Der Anspruch des Antragstellers folgt allerdings aus § 2 Abs. 1a SGB V, wonach Versicherte mit einer lebensbedrohlichen oder regelmäßig tödlichen Erkrankung oder mit einer zumindest wertungsmäßig vergleichbaren Erkrankung, für die eine allgemeinanerkannte, dem medizinischen Standard entsprechende Leistung nicht zur Verfügung steht, auch eine von Absatz 1 Satz 3 abweichende Leistung beanspruchen können, wenn eine nicht ganz entfernt liegende Aussicht auf Heilung oder auf eine spürbare positive Einwirkung auf den Krankheitsverlauf besteht. Die Voraussetzungen liegen nach Auffassung des Gerichts vor. Zwischen den Beteiligten ist unstreitig, dass der Antragsteller an einer lebensbedrohlichen oder regelmäßig tödlichen Erkrankung leidet. Es ist dem an einer lebensbedrohlichen Erkrankung leidenden Antragsteller nicht zuzumuten, eine bereits mit erheblichen Nebenwirkungen verbundene ADT/ARTA erneut durchzuführen.

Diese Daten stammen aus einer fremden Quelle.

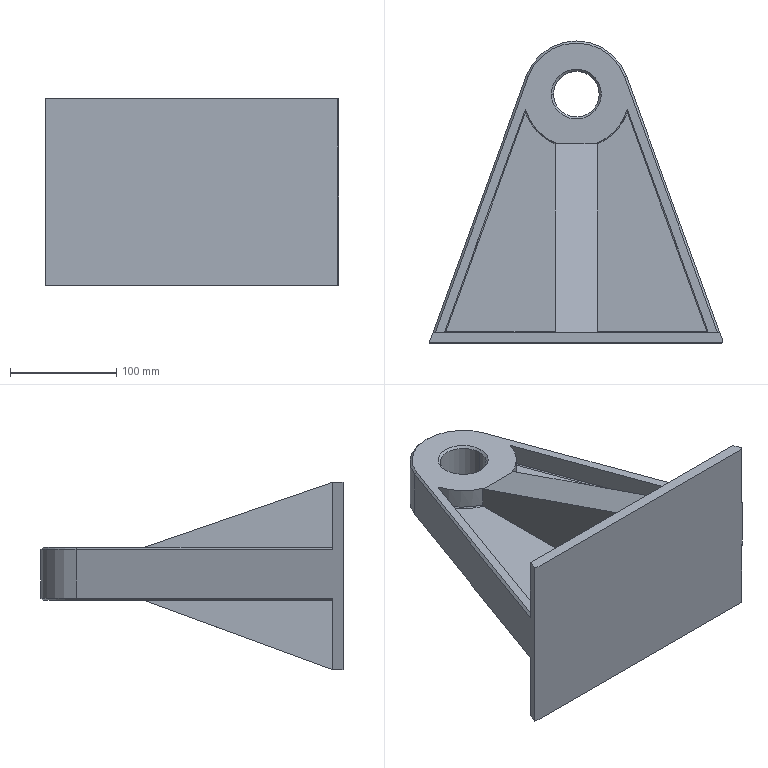Component | SolidWorks | SupportBase2-2 | 1 solid | 59 faces | volume 2355379 mm3 | plane 34 | cylinder 15 | cone 6 | torus 4 | commonest cylinder face diameters 2 x8 100 x5 43 x2 | material 45
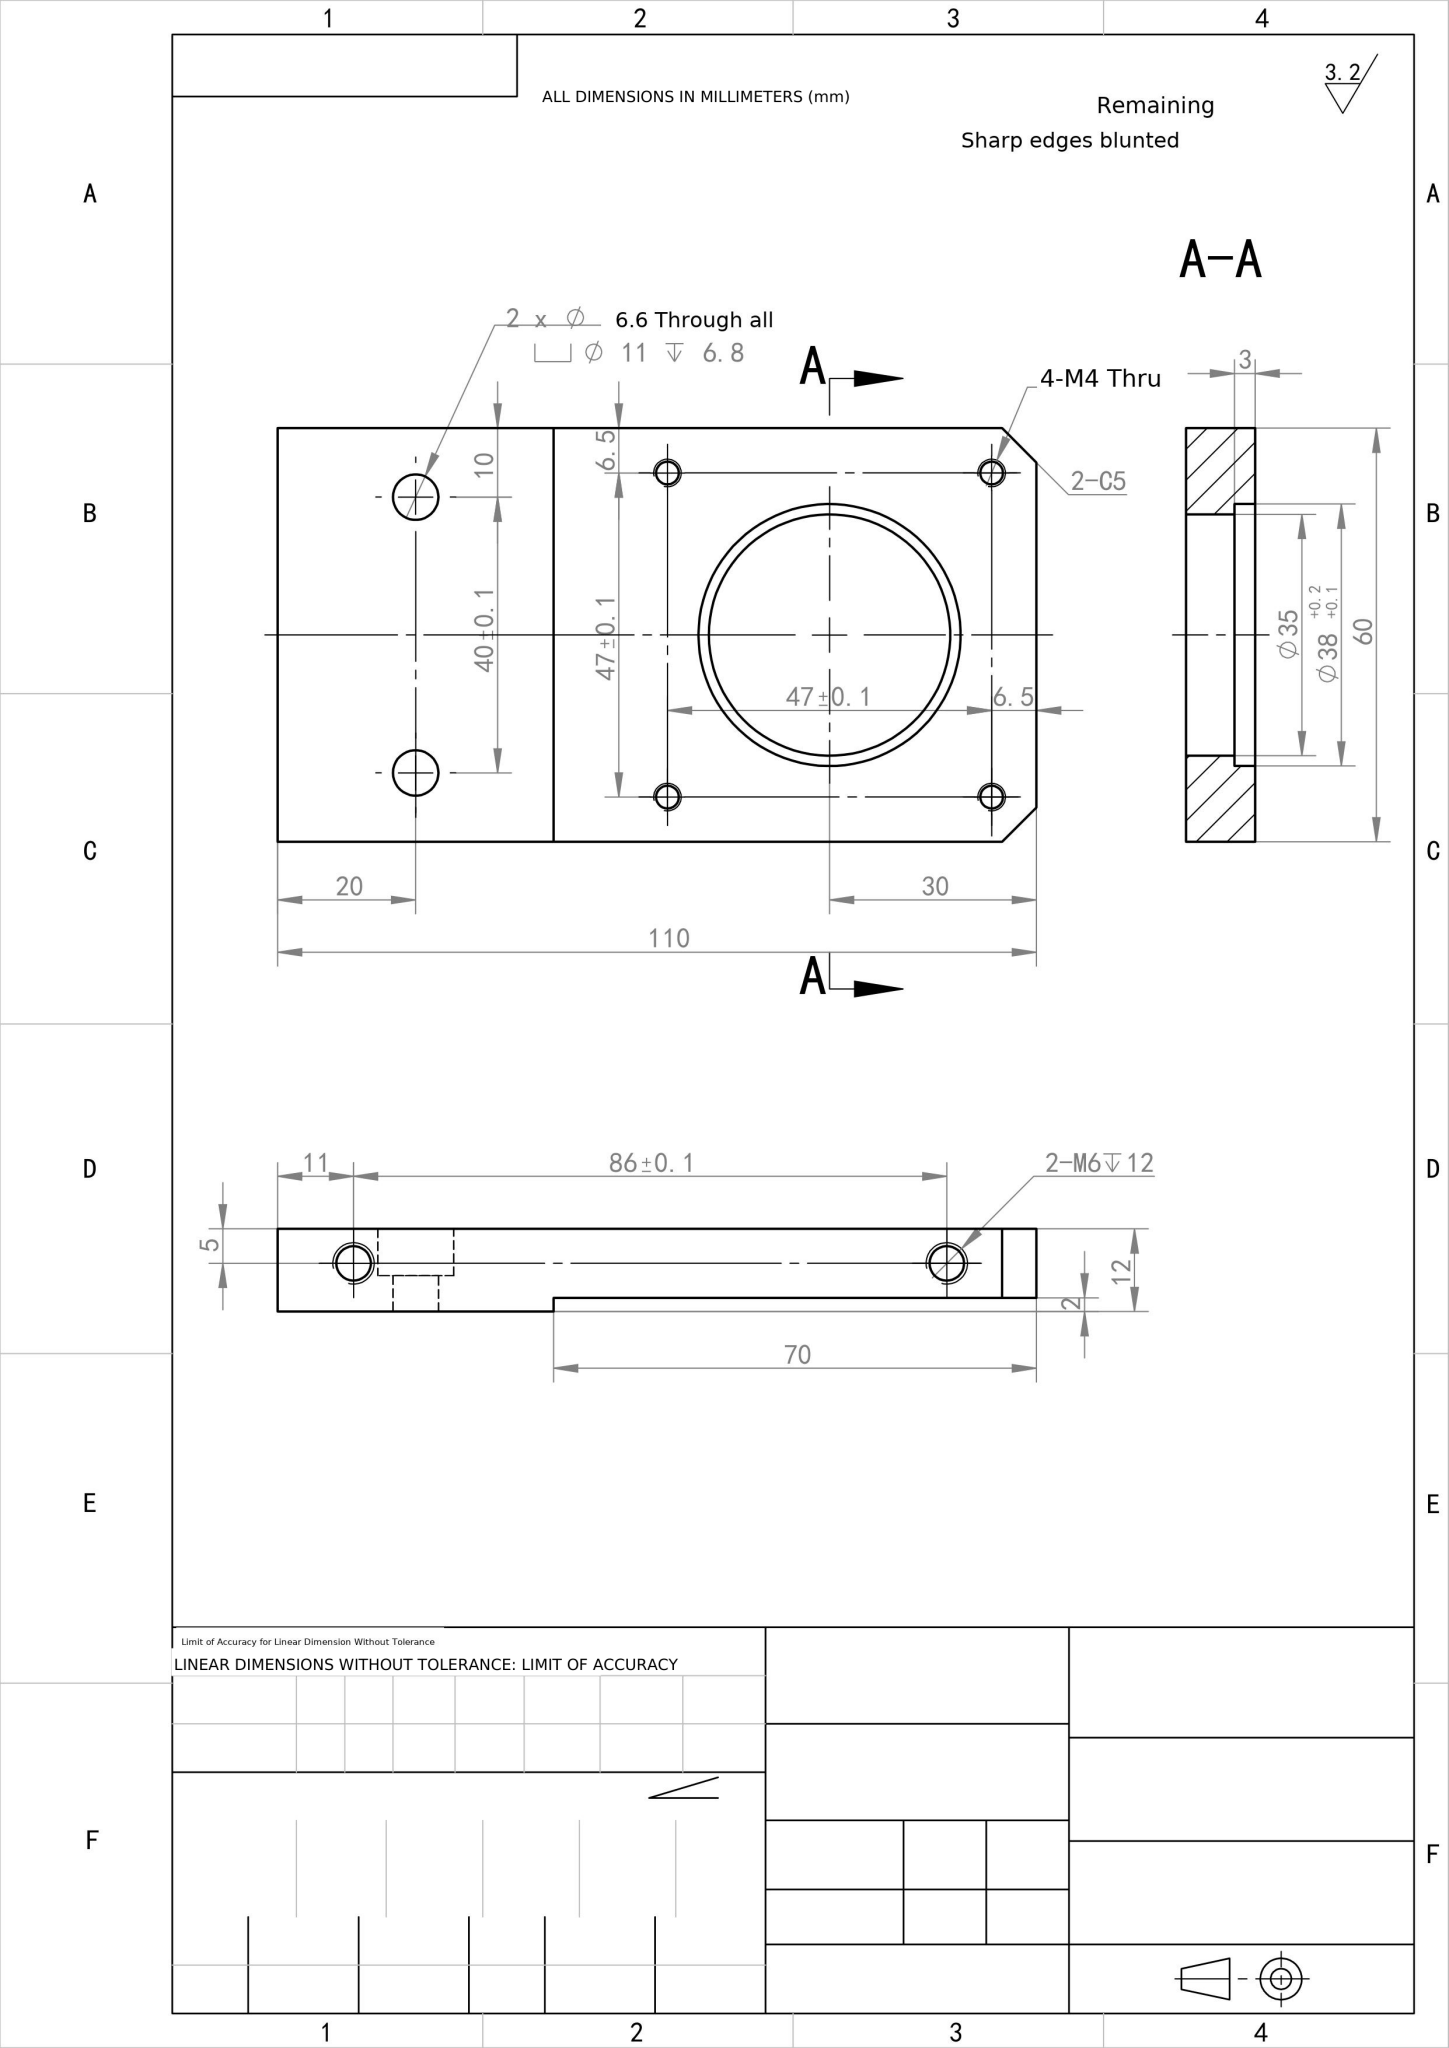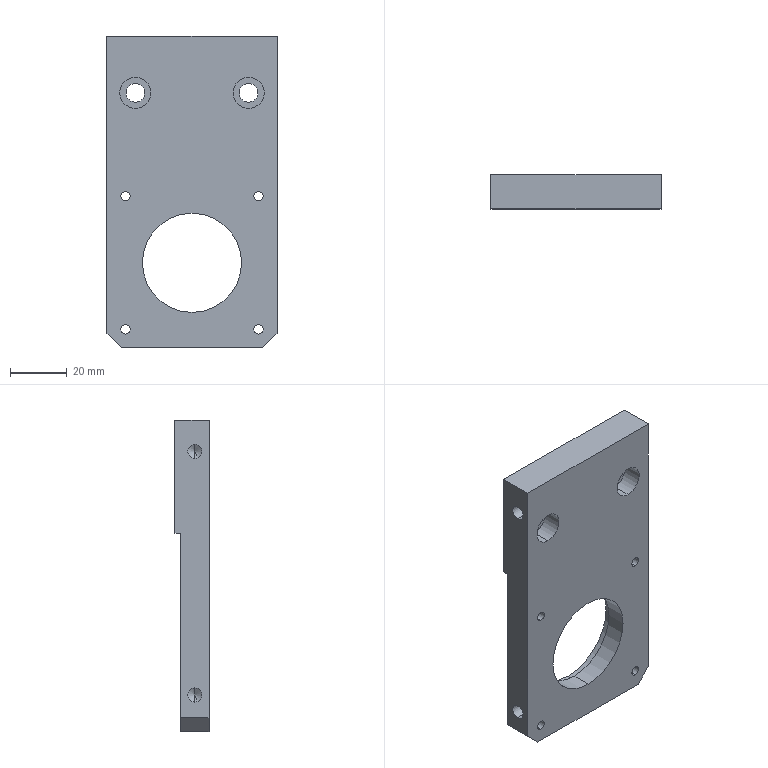Part | NX | mm | 1 solid | 41 faces | box 60 x 12 x 110 mm | volume 57814 mm3 | cylinder 24 | plane 13 | cone 4 | commonest cylinder face diameters 3.3 x8 5 x4 11 x4 6.6 x4 38 x2 35 x2

Auch geht das Gericht davon aus, dass bei der begehrten Therapie eine nicht ganz entfernt liegende Aussicht auf Heilung oder auf eine spürbare positive Einwirkung auf den Krankheitsverlauf besteht. Die behandelnden Ärzte des Antragstellers begründen dies mit entsprechenden Veröffentlichungen. Soweit sich der MD der Einschätzung des behandelnden Arztes nicht anschließt, führen die Einwände, zumindest im vorliegenden Eilverfahren, nicht dazu, zumindest eine ganz entfernt liegende Aussicht auf Heilung oder auf eine spürbare positive Einwirkung zu verneinen. Dem Gericht fehlt die medizinische Sachkompetenz zu einer Beurteilung der Studienlage; die weitergehende Prüfung der bestehenden Studienlage durch Einholung eines medizinischen Sachverständigengutachtens bleibt dem Hauptsacheverfahren vorbehalten. 

Der Anordnungsgrund ergibt sich aus der Eilbedürftigkeit der Therapie sowie der Tatsache, dass für die Therapie Kosten von ca. 29.000,00 EUR zuzüglich Anästhesieleistungen anfallen und dem Antragsteller eine Vorfinanzierung dieser Summe nicht möglich ist.

Fazit

Bei fehlenden Therapieoptionen hat der Versicherte Anspruch auf Versorgung mit der Protonentherapie, wenn die behandelnden Ärzte unter Verweis auf medizinische Studien eine nicht ganz entfernt liegende Aussicht auf Heilung oder auf eine spürbare positive Einwirkung auf den Krankheitsverlauf bestätigen.

Ablehnende Bescheide sind mit dem Widerspruch anzugreifen. Parallel ist der Antrag auf Erlass einer einstweiligen Anordnung zu stellen, über den das Gericht binnen zwei bis sechs Wochen entscheidet. Der Ausgang des Widerspruchsverfahrens ist nicht abzuwarten. Denn dem Versicherten läuft die Zeit davon. Er braucht die medizinische Versorgung so schnell wie möglich, und nicht in drei, sechs oder 18 Monaten nach erfolgreichem Widerspruch oder der Klage stattgebendem Urteil.